Define your data schema using Pydantic or Dataclasses, and get a grammar that guarantees the output matches that schema.

```python
from dataclasses import dataclass
from typing import List
from typus.languages import Json

@dataclass
class Product:
    id: int
    name: str
    tags: List[str]

# Generate a strict GBNF grammar for this schema
# The LLM cannot miss a comma, quote, or bracket.
g = Json().build(Product)
print(g.compile("gbnf"))
```

### Use Case 4: Safe SQL Querying (Domain + SQL)

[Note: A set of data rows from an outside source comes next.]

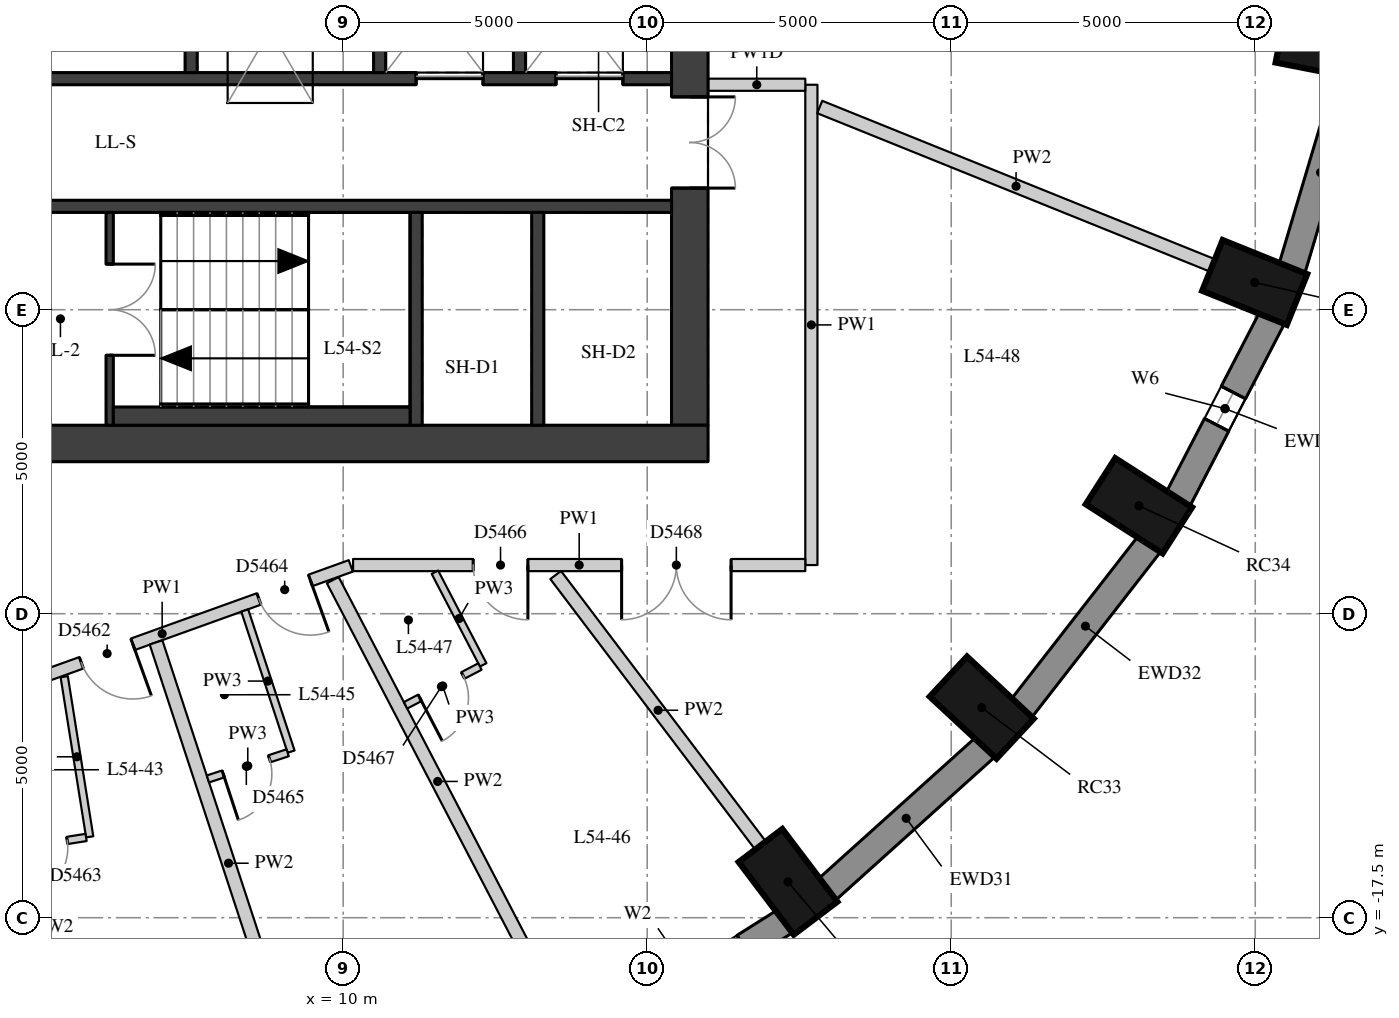
"""IFC4 building model, lengths in metres.
Left out: names, types, materials, properties, quantities, classifications, styles, units other than length and angle.
Written with IfcOpenShell. Run it as: python <this file> out.ifc"""

import sys

from ifc_helpers import new_model, si_unit, direction, frame, frame_2d, origin, origin_2d, place, context, subcontext, project, spatial, rectangle, extrude, element, fill, save


model = new_model("IFC4")
c1 = context("Model", 3, precision=1e-05, world=origin(), true_north=direction((0.0, 1.0)))
c2 = subcontext(c1, "Body", "Model", "MODEL_VIEW")
j1 = project(units=[si_unit("LENGTHUNIT", "METRE"), si_unit("PLANEANGLEUNIT", "RADIAN")], contexts=[c1])
p1 = place(None, origin())
s1 = spatial("IfcSite", under=j1, at=p1, CompositionType="ELEMENT")
p2 = place(p1, origin())
s2 = spatial("IfcBuilding", under=s1, at=p2, CompositionType="ELEMENT")
p3 = place(p2, frame((0.0, 0.0, 192.5)))
s3 = spatial("IfcBuildingStorey", under=s2, at=p3, CompositionType="ELEMENT", Elevation=192.5)
for number, where, z_axis, x_axis in (
    (1, (17.316, -16.911, 0.0), (0.0, 0.0, 1.0), (0.604, -0.797, 0.0)),
    (2, (20.502, -14.045, 0.0), (0.0, 0.0, 1.0), (0.732, -0.681, 0.0)),
    (3, (23.087, -10.725, 0.0), (0.0, 0.0, 1.0), (0.842, -0.539, 0.0)),
    (4, (24.991, -7.052, 0.0), (0.0, 0.0, 1.0), (0.927, -0.374, 0.0)),
    (5, (26.157, -3.137, 0.0), (0.0, 0.0, 1.0), (0.981, -0.192, 0.0)),
):
    element("IfcColumn", number, at=place(p3, frame(where, z_axis=z_axis, x_axis=x_axis)), inside=s3, PredefinedType="COLUMN", context=c2, shape_type="SweptSolid", body=[
        extrude(rectangle(XDim=1.5, YDim=0.9, at=origin_2d()), origin(), (0.0, 0.0, 1.0), 3.3),
    ])
p4 = place(p3, frame((14.232, -19.47, 0.0), z_axis=(0.0, 0.0, 1.0), x_axis=(0.84614984472, 0.532945063098, 0.0)))
e6 = element("IfcWall", 6, at=p4, inside=s3, PredefinedType="SOLIDWALL", context=c2, shape_type="SweptSolid", body=[
    extrude(rectangle(XDim=3.586, YDim=0.45, at=frame_2d((1.793, 0.0))), origin(), (0.0, 0.0, 1.0), 3.02),
])
p5 = place(p4, frame((0.793, 0.0, 0.4)))
e7 = element("IfcOpeningElement", 7, at=p5, cuts=e6, PredefinedType="OPENING", context=c2, shape_type="SweptSolid", body=[
    extrude(rectangle(XDim=2.0, YDim=1.75, at=frame_2d((1.0, 0.875))), frame((0.0, 0.235, 0.0), z_axis=(0.0, -1.0, 0.0), x_axis=(1.0, 0.0, 0.0)), (0.0, 0.0, 1.0), 0.47),
])
p6 = place(p3, frame((17.953, -17.04, 0.0), z_axis=(0.0, 0.0, 1.0), x_axis=(0.743442727602, 0.668799604348, 0.0)))
e8 = element("IfcWall", 8, at=p6, inside=s3, PredefinedType="SOLIDWALL", context=c2, shape_type="SweptSolid", body=[
    extrude(rectangle(XDim=3.513, YDim=0.45, at=frame_2d((1.756, 0.0))), origin(), (0.0, 0.0, 1.0), 3.02),
])
p7 = place(p3, frame((21.151, -14.061, 0.0), z_axis=(0.0, 0.0, 1.0), x_axis=(0.614255239631, 0.789107407509, 0.0)))
e9 = element("IfcWall", 9, at=p7, inside=s3, PredefinedType="SOLIDWALL", context=c2, shape_type="SweptSolid", body=[
    extrude(rectangle(XDim=3.438, YDim=0.45, at=frame_2d((1.719, 0.0))), origin(), (0.0, 0.0, 1.0), 3.02),
])
p8 = place(p3, frame((23.727, -10.624, 0.0), z_axis=(0.0, 0.0, 1.0), x_axis=(0.460175500475, 0.887827972505, 0.0)))
e10 = element("IfcWall", 10, at=p8, inside=s3, PredefinedType="SOLIDWALL", context=c2, shape_type="SweptSolid", body=[
    extrude(rectangle(XDim=3.371, YDim=0.45, at=frame_2d((1.685, 0.0))), origin(), (0.0, 0.0, 1.0), 3.02),
])
p9 = place(p8, frame((1.385, 0.0, 0.4)))
e11 = element("IfcOpeningElement", 11, at=p9, cuts=e10, PredefinedType="OPENING", context=c2, shape_type="SweptSolid", body=[
    extrude(rectangle(XDim=0.6, YDim=1.75, at=frame_2d((0.3, 0.875))), frame((0.0, 0.235, 0.0), z_axis=(0.0, -1.0, 0.0), x_axis=(1.0, 0.0, 0.0)), (0.0, 0.0, 1.0), 0.47),
])
p10 = place(p3, frame((25.6, -6.834, 0.0), z_axis=(0.0, 0.0, 1.0), x_axis=(0.285444972963, 0.958395099847, 0.0)))
e12 = element("IfcWall", 12, at=p10, inside=s3, PredefinedType="SOLIDWALL", context=c2, shape_type="SweptSolid", body=[
    extrude(rectangle(XDim=3.32, YDim=0.45, at=frame_2d((1.66, 0.0))), origin(), (0.0, 0.0, 1.0), 3.02),
])
p11 = place(p3, frame((15.7, -9.4, 0.0), z_axis=(0.0, 0.0, 1.0), x_axis=(0.0, 1.0, 0.0)))
e13 = element("IfcWall", 13, at=p11, inside=s3, PredefinedType="SHEAR", context=c2, shape_type="SweptSolid", body=[
    extrude(rectangle(XDim=18.8, YDim=0.6, at=frame_2d((9.4, 0.0))), origin(), (0.0, 0.0, 1.0), 3.02),
])
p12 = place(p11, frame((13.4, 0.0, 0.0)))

Expose a specific set of "Allowed Queries" to the LLM. The grammar ensures the model can *only* generate valid `SELECT` statements for your specific table columns, preventing SQL Injection and hallucinations.

```python
from typus import Grammar, Domain
from typus.languages import SQLQuery

# 1. Define the Schema
@dataclass
class Users:
    name: str
    age: int

# 2. Define allowed access patterns
def get_users_by_name(name: str) -> Users: ...
def get_users_by_age(min_age: int) -> Users: ...

# 3. Build the Grammar
# The LLM can generate: "SELECT name, age FROM Users WHERE name = '...'"
# It CANNOT generate: "DROP TABLE Users"
g = SQLQuery().build(
    Domain(Users, entrypoints=[get_users_by_name, get_users_by_age])
)
```

## 🔧 Supported Backends

Typus is compiler-agnostic. You build the AST once, and export it to:

| Backend | Command | Use Case |
| :--- | :--- | :--- |
| **GBNF** | `g.compile("gbnf")` | **Llama.cpp**, `llama-python`, local GGUF models. |
| **Regex** | `g.compile("regex", max_depth=3)` | **Guidance**, **Outlines**, Standard API validators. Supports bounded recursion. |
| **Lark** | `g.compile("lark")` | **Python Parsing**. Use Typus to parse the string the LLM just generated. |
| **JSON Schema** | *(Via `Json` language)* | **OpenAI / Anthropic** structured output APIs. |

## 🛣 Roadmap

  * [x] **v0.1**: Core DSL (`Sequence`, `Choice`, `Regex`), GBNF Compiler.
  * [x] **v0.2**: Templates (`g.template`), Regex Compiler with unrolling.
  * [ ] **v0.3**: Lark Compiler (Round-trip parsing).
  * [ ] **v0.4**: The Domain Engine (`typus.domain` reflection).
  * [ ] **v0.5**: Language Strategies (`Json`, `SQLQuery`, `Markdown`, `Python`).

## 📄 License

MIT License. See [LICENSE](LICENSE) for details.